Когда они отъехали, он повернул к ней разъяренное лицо:
— Ты дура!.. Ты знаешь, кто такой Фолькенец?.. Вежливо улыбаясь, он повесит, да еще будет тянуть за ноги! Твоя болтовня могла погубить нас обоих. Зачем ты ему солгала?..
— Я сказала правду!..
Он притормозил машину.
— Слушай!.. Вот, возьми, — он сунул в ее руку смятую пачку денег. Острый взгляд его темных глаз словно проник в ее мысли. — Услуга за услугу!.. Тебя больше не потревожат, если ты будешь вести себя умно… Кто твоя сестра? — уже деловито спросил он.
— Учительница музыки.
— Сколько ей лет?
— Двадцать три.
— Красива?
— По-моему, да.
— Где живет?
— Пушкинская, двадцать семь.
— Знаю эту улицу. Рядом отель.
Он замолчал, вглядываясь в разбитые бомбами и сожженные остовы домов окраины Одессы.
Тоня прижалась в угол машины и никак не могла сосредоточиться на чем-то одном, мысли путались. Она думала то о сестре, то о Петреску, то о Егорове. Кем стала Катя? Как они встретятся? Найдут ли пути друг к другу?.. А Петреску?.. Ему ничего не стоило ее предать, когда она сказала гестаповцу неправду… Но не предал. Что это — честность или игра? Осторожней, Тоня!.. Ах, Леня, где ты сейчас?..
Вывески!.. Вывески!.. «Торговля фруктами В. Боровикова», «Ресторан „Модерн“». Совсем, как в кино.
Дерибасовская! Немецкие офицеры в тщательно подогнанных шинелях, и женщины, которые знают о войне только понаслышке. А война рядом с ними — вот в этой забрызганной грязью штабной машине. Красивый румынский офицер, забывший о пережитых невзгодах, улыбаясь, машет кому-то рукой, и маленькая девушка, пытливо и тревожно всматривающаяся в неясное будущее.
У дома двадцать семь Петреску остановил машину.
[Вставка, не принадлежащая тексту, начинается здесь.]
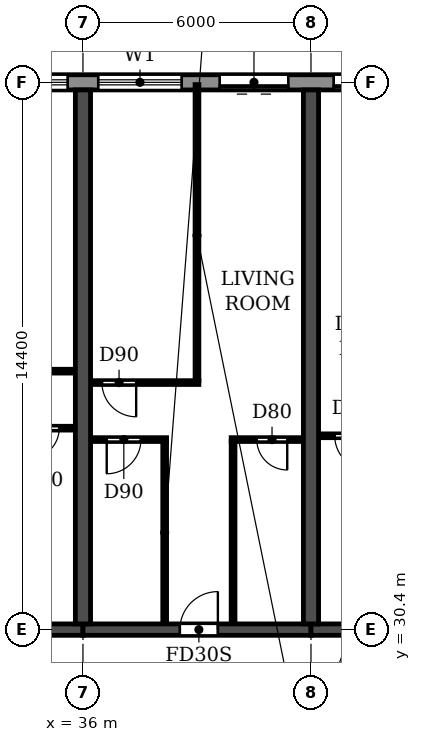
"""IFC4 building model, lengths in metres.
Left out: names, types, materials, properties, quantities, classifications, styles, units other than length and angle.
Written with IfcOpenShell. Run it as: python <this file> out.ifc"""

import sys

from ifc_helpers import new_model, si_unit, direction, frame, frame_2d, origin, place, context, subcontext, project, spatial, rectangle, extrude, element, fill, save


model = new_model("IFC4")
c1 = context("Model", 3, precision=1e-05, world=origin(), true_north=direction((0.0, 1.0)))
c2 = subcontext(c1, "Body", "Model", "MODEL_VIEW")
j1 = project(units=[si_unit("LENGTHUNIT", "METRE"), si_unit("PLANEANGLEUNIT", "RADIAN")], contexts=[c1])
p1 = place(None, origin())
s1 = spatial("IfcSite", under=j1, at=p1, CompositionType="ELEMENT")
p2 = place(p1, origin())
s2 = spatial("IfcBuilding", under=s1, at=p2, CompositionType="ELEMENT")
p3 = place(p2, frame((0.0, 0.0, 23.4)))
s3 = spatial("IfcBuildingStorey", under=s2, at=p3, CompositionType="ELEMENT", Elevation=23.4)
for number, where, z_axis, x_axis in (
    (1, (36.0, 30.55, 0.0), (0.0, 0.0, 1.0), (0.0, 1.0, 0.0)),
    (2, (42.0, 30.55, 0.0), (0.0, 0.0, 1.0), (0.0, 1.0, 0.0)),
):
    element("IfcWall", number, at=place(p3, frame(where, z_axis=z_axis, x_axis=x_axis)), inside=s3, PredefinedType="SHEAR", context=c2, shape_type="SweptSolid", body=[
        extrude(rectangle(XDim=14.05, YDim=0.4, at=frame_2d((7.025, 0.0))), origin(), (0.0, 0.0, 1.0), 3.05),
    ])
p4 = place(p3, frame((30.0, 30.4, 0.0), z_axis=(0.0, 0.0, 1.0), x_axis=(1.0, 0.0, 0.0)))
e3 = element("IfcWall", 3, at=p4, inside=s3, PredefinedType="SHEAR", context=c2, shape_type="SweptSolid", body=[
    extrude(rectangle(XDim=6.0, YDim=0.3, at=frame_2d((3.0, 0.0))), origin(), (0.0, 0.0, 1.0), 2.45),
])
p5 = place(p4, frame((2.55, 0.0, 0.0)))
e4 = element("IfcOpeningElement", 4, at=p5, cuts=e3, PredefinedType="OPENING", context=c2, shape_type="SweptSolid", body=[
    extrude(rectangle(XDim=1.0, YDim=2.1, at=frame_2d((0.5, 1.05))), frame((0.0, 0.16, 0.0), z_axis=(0.0, -1.0, 0.0), x_axis=(1.0, 0.0, 0.0)), (0.0, 0.0, 1.0), 0.32),
])
p6 = place(p3, frame((36.0, 30.4, 0.0), z_axis=(0.0, 0.0, 1.0), x_axis=(1.0, 0.0, 0.0)))
e5 = element("IfcWall", 5, at=p6, inside=s3, PredefinedType="SHEAR", context=c2, shape_type="SweptSolid", body=[
    extrude(rectangle(XDim=6.0, YDim=0.3, at=frame_2d((3.0, 0.0))), origin(), (0.0, 0.0, 1.0), 2.45),
])
p7 = place(p6, frame((2.55, 0.0, 0.0)))
e6 = element("IfcOpeningElement", 6, at=p7, cuts=e5, PredefinedType="OPENING", context=c2, shape_type="SweptSolid", body=[
    extrude(rectangle(XDim=1.0, YDim=2.1, at=frame_2d((0.5, 1.05))), frame((0.0, 0.16, 0.0), z_axis=(0.0, -1.0, 0.0), x_axis=(1.0, 0.0, 0.0)), (0.0, 0.0, 1.0), 0.32),
])
p8 = place(p3, frame((42.0, 30.4, 0.0), z_axis=(0.0, 0.0, 1.0), x_axis=(1.0, 0.0, 0.0)))
e7 = element("IfcWall", 7, at=p8, inside=s3, PredefinedType="SHEAR", context=c2, shape_type="SweptSolid", body=[
    extrude(rectangle(XDim=6.0, YDim=0.3, at=frame_2d((3.0, 0.0))), origin(), (0.0, 0.0, 1.0), 2.45),
])
p9 = place(p8, frame((2.55, 0.0, 0.0)))
e8 = element("IfcOpeningElement", 8, at=p9, cuts=e7, PredefinedType="OPENING", context=c2, shape_type="SweptSolid", body=[
    extrude(rectangle(XDim=1.0, YDim=2.1, at=frame_2d((0.5, 1.05))), frame((0.0, 0.16, 0.0), z_axis=(0.0, -1.0, 0.0), x_axis=(1.0, 0.0, 0.0)), (0.0, 0.0, 1.0), 0.32),
])
p10 = place(p3, frame((97.317, 44.8, 0.0), z_axis=(0.0, 0.0, 1.0), x_axis=(-1.0, 0.0, 0.0)))
e9 = element("IfcWall", 9, at=p10, inside=s3, PredefinedType="STANDARD", context=c2, shape_type="SweptSolid", body=[
    extrude(rectangle(XDim=92.634, YDim=0.4, at=frame_2d((46.317, 0.0))), origin(), (0.0, 0.0, 1.0), 3.05),
])
p11 = place(p10, frame((88.717, 0.0, 0.9)))
e10 = element("IfcOpeningElement", 10, at=p11, cuts=e9, PredefinedType="OPENING", context=c2, shape_type="SweptSolid", body=[
    extrude(rectangle(XDim=2.2, YDim=1.5, at=frame_2d((1.1, 0.75))), frame((0.0, 0.21, 0.0), z_axis=(0.0, -1.0, 0.0), x_axis=(1.0, 0.0, 0.0)), (0.0, 0.0, 1.0), 0.42),
])
p12 = place(p10, frame((85.917, 0.0, 0.0)))
e11 = element("IfcOpeningElement", 11, at=p12, cuts=e9, PredefinedType="OPENING", context=c2, shape_type="SweptSolid", body=[
    extrude(rectangle(XDim=1.8, YDim=2.4, at=frame_2d((0.9, 1.2))), frame((0.0, 0.21, 0.0), z_axis=(0.0, -1.0, 0.0), x_axis=(1.0, 0.0, 0.0)), (0.0, 0.0, 1.0), 0.42),
])
p13 = place(p10, frame((82.717, 0.0, 0.9)))
e12 = element("IfcOpeningElement", 12, at=p13, cuts=e9, PredefinedType="OPENING", context=c2, shape_type="SweptSolid", body=[
    extrude(rectangle(XDim=2.2, YDim=1.5, at=frame_2d((1.1, 0.75))), frame((0.0, 0.21, 0.0), z_axis=(0.0, -1.0, 0.0), x_axis=(1.0, 0.0, 0.0)), (0.0, 0.0, 1.0), 0.42),
])
p14 = place(p10, frame((79.717, 0.0, 0.9)))
e13 = element("IfcOpeningElement", 13, at=p14, cuts=e9, PredefinedType="OPENING", context=c2, shape_type="SweptSolid", body=[
    extrude(rectangle(XDim=2.2, YDim=1.5, at=frame_2d((1.1, 0.75))), frame((0.0, 0.21, 0.0), z_axis=(0.0, -1.0, 0.0), x_axis=(1.0, 0.0, 0.0)), (0.0, 0.0, 1.0), 0.42),
])
p15 = place(p10, frame((76.917, 0.0, 0.0)))
e14 = element("IfcOpeningElement", 14, at=p15, cuts=e9, PredefinedType="OPENING", context=c2, shape_type="SweptSolid", body=[
    extrude(rectangle(XDim=1.8, YDim=2.4, at=frame_2d((0.9, 1.2))), frame((0.0, 0.21, 0.0), z_axis=(0.0, -1.0, 0.0), x_axis=(1.0, 0.0, 0.0)), (0.0, 0.0, 1.0), 0.42),
])
p16 = place(p10, frame((73.717, 0.0, 0.9)))
e15 = element("IfcOpeningElement", 15, at=p16, cuts=e9, PredefinedType="OPENING", context=c2, shape_type="SweptSolid", body=[
    extrude(rectangle(XDim=2.2, YDim=1.5, at=frame_2d((1.1, 0.75))), frame((0.0, 0.21, 0.0), z_axis=(0.0, -1.0, 0.0), x_axis=(1.0, 0.0, 0.0)), (0.0, 0.0, 1.0), 0.42),
])
p17 = place(p10, frame((70.717, 0.0, 0.9)))
e16 = element("IfcOpeningElement", 16, at=p17, cuts=e9, PredefinedType="OPENING", context=c2, shape_type="SweptSolid", body=[
    extrude(rectangle(XDim=2.2, YDim=1.5, at=frame_2d((1.1, 0.75))), frame((0.0, 0.21, 0.0), z_axis=(0.0, -1.0, 0.0), x_axis=(1.0, 0.0, 0.0)), (0.0, 0.0, 1.0), 0.42),
])
p18 = place(p10, frame((67.717, 0.0, 0.9)))
e17 = element("IfcOpeningElement", 17, at=p18, cuts=e9, PredefinedType="OPENING", context=c2, shape_type="SweptSolid", body=[
    extrude(rectangle(XDim=2.2, YDim=1.5, at=frame_2d((1.1, 0.75))), frame((0.0, 0.21, 0.0), z_axis=(0.0, -1.0, 0.0), x_axis=(1.0, 0.0, 0.0)), (0.0, 0.0, 1.0), 0.42),
])
p19 = place(p10, frame((64.917, 0.0, 0.0)))
e18 = element("IfcOpeningElement", 18, at=p19, cuts=e9, PredefinedType="OPENING", context=c2, shape_type="SweptSolid", body=[
    extrude(rectangle(XDim=1.8, YDim=2.4, at=frame_2d((0.9, 1.2))), frame((0.0, 0.21, 0.0), z_axis=(0.0, -1.0, 0.0), x_axis=(1.0, 0.0, 0.0)), (0.0, 0.0, 1.0), 0.42),
])
p20 = place(p10, frame((61.717, 0.0, 0.9)))
e19 = element("IfcOpeningElement", 19, at=p20, cuts=e9, PredefinedType="OPENING", context=c2, shape_type="SweptSolid", body=[
    extrude(rectangle(XDim=2.2, YDim=1.5, at=frame_2d((1.1, 0.75))), frame((0.0, 0.21, 0.0), z_axis=(0.0, -1.0, 0.0), x_axis=(1.0, 0.0, 0.0)), (0.0, 0.0, 1.0), 0.42),
])
p21 = place(p10, frame((58.717, 0.0, 0.9)))
e20 = element("IfcOpeningElement", 20, at=p21, cuts=e9, PredefinedType="OPENING", context=c2, shape_type="SweptSolid", body=[
    extrude(rectangle(XDim=2.2, YDim=1.5, at=frame_2d((1.1, 0.75))), frame((0.0, 0.21, 0.0), z_axis=(0.0, -1.0, 0.0), x_axis=(1.0, 0.0, 0.0)), (0.0, 0.0, 1.0), 0.42),
])
p22 = place(p10, frame((55.917, 0.0, 0.0)))
e21 = element("IfcOpeningElement", 21, at=p22, cuts=e9, PredefinedType="OPENING", context=c2, shape_type="SweptSolid", body=[
    extrude(rectangle(XDim=1.8, YDim=2.4, at=frame_2d((0.9, 1.2))), frame((0.0, 0.21, 0.0), z_axis=(0.0, -1.0, 0.0), x_axis=(1.0, 0.0, 0.0)), (0.0, 0.0, 1.0), 0.42),
])
p23 = place(p10, frame((52.917, 0.0, 0.0)))
e22 = element("IfcOpeningElement", 22, at=p23, cuts=e9, PredefinedType="OPENING", context=c2, shape_type="SweptSolid", body=[
    extrude(rectangle(XDim=1.8, YDim=2.4, at=frame_2d((0.9, 1.2))), frame((0.0, 0.21, 0.0), z_axis=(0.0, -1.0, 0.0), x_axis=(1.0, 0.0, 0.0)), (0.0, 0.0, 1.0), 0.42),
])
p24 = place(p10, frame((49.717, 0.0, 0.9)))
e23 = element("IfcOpeningElement", 23, at=p24, cuts=e9, PredefinedType="OPENING", context=c2, shape_type="SweptSolid", body=[
    extrude(rectangle(XDim=2.2, YDim=1.5, at=frame_2d((1.1, 0.75))), frame((0.0, 0.21, 0.0), z_axis=(0.0, -1.0, 0.0), x_axis=(1.0, 0.0, 0.0)), (0.0, 0.0, 1.0), 0.42),
])
p25 = place(p10, frame((46.917, 0.0, 0.0)))
e24 = element("IfcOpeningElement", 24, at=p25, cuts=e9, PredefinedType="OPENING", context=c2, shape_type="SweptSolid", body=[
    extrude(rectangle(XDim=1.8, YDim=2.4, at=frame_2d((0.9, 1.2))), frame((0.0, 0.21, 0.0), z_axis=(0.0, -1.0, 0.0), x_axis=(1.0, 0.0, 0.0)), (0.0, 0.0, 1.0), 0.42),
])
p26 = place(p10, frame((43.717, 0.0, 0.9)))
e25 = element("IfcOpeningElement", 25, at=p26, cuts=e9, PredefinedType="OPENING", context=c2, shape_type="SweptSolid", body=[
    extrude(rectangle(XDim=2.2, YDim=1.5, at=frame_2d((1.1, 0.75))), frame((0.0, 0.21, 0.0), z_axis=(0.0, -1.0, 0.0), x_axis=(1.0, 0.0, 0.0)), (0.0, 0.0, 1.0), 0.42),
])
p27 = place(p10, frame((40.717, 0.0, 0.9)))
e26 = element("IfcOpeningElement", 26, at=p27, cuts=e9, PredefinedType="OPENING", context=c2, shape_type="SweptSolid", body=[
    extrude(rectangle(XDim=2.2, YDim=1.5, at=frame_2d((1.1, 0.75))), frame((0.0, 0.21, 0.0), z_axis=(0.0, -1.0, 0.0), x_axis=(1.0, 0.0, 0.0)), (0.0, 0.0, 1.0), 0.42),
])
p28 = place(p10, frame((37.917, 0.0, 0.0)))
e27 = element("IfcOpeningElement", 27, at=p28, cuts=e9, PredefinedType="OPENING", context=c2, shape_type="SweptSolid", body=[
    extrude(rectangle(XDim=1.8, YDim=2.4, at=frame_2d((0.9, 1.2))), frame((0.0, 0.21, 0.0), z_axis=(0.0, -1.0, 0.0), x_axis=(1.0, 0.0, 0.0)), (0.0, 0.0, 1.0), 0.42),
])
p29 = place(p10, frame((34.917, 0.0, 0.0)))
e28 = element("IfcOpeningElement", 28, at=p29, cuts=e9, PredefinedType="OPENING", context=c2, shape_type="SweptSolid", body=[
    extrude(rectangle(XDim=1.8, YDim=2.4, at=frame_2d((0.9, 1.2))), frame((0.0, 0.21, 0.0), z_axis=(0.0, -1.0, 0.0), x_axis=(1.0, 0.0, 0.0)), (0.0, 0.0, 1.0), 0.42),
])
p30 = place(p10, frame((31.717, 0.0, 0.9)))
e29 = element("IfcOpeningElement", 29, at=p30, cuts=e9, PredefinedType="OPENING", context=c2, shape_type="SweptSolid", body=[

— Выходи! — сказал он. — Завтра утром придешь к коменданту. У него уже будет распоряжение выдать тебе документы. — Он погрозил пальцем. — Ни одного лишнего слова! От коменданта сразу же возвращайся домой и жди! Я приеду.
И, захлопнув дверцу, он быстро умчался в сторону Приморского бульвара, а Тоня, постояв в нерешительности, собралась с духом и вошла в ворота…
Глава десятая
Кати нет! Месяц тому назад несколько сот девушек вызвали к магистрату и под конвоем отправили на «Констанцу» — большой сухогруз, привезший в Одессу оружие. Дальнейшая судьба Кати и ее спутниц так же темна, как трюм, в который их заперли. Говорили, что девушек отправили в Германию и они работают на заводе где-то под Мюнхеном. Но это были только слухи…
Тоне повезло. Их маленькая квартирка, с дверью на лестничную площадку, на третьем этаже оказалась еще не заселенной. Мир привычных вещей, окруживших Тоню, сразу подействовал успокаивающе. Старый, покрытый зеленым ковром диван. Еще совсем крошкой она ползала по нему, играя с черным жуликоватым котом Степаном.
На стенах подернутые желтизной портреты отца и матери. Мать, с высоко поднятой прической, в кокетливой кофточке, казалось, продолжает улыбаться из небытия: она умерла пятнадцать лет тому назад, и Тоня часто расспрашивала Катю, которая ее помнила. Отец фотографировался незадолго до войны — усталое лицо с широкими скулами. Рядом с ним мама выглядит его дочерью. Сейчас отец воюет где-то на Волховском фронте. Однако он и не догадывается, почему месяц тому назад его перевели с передовой подальше в тыл…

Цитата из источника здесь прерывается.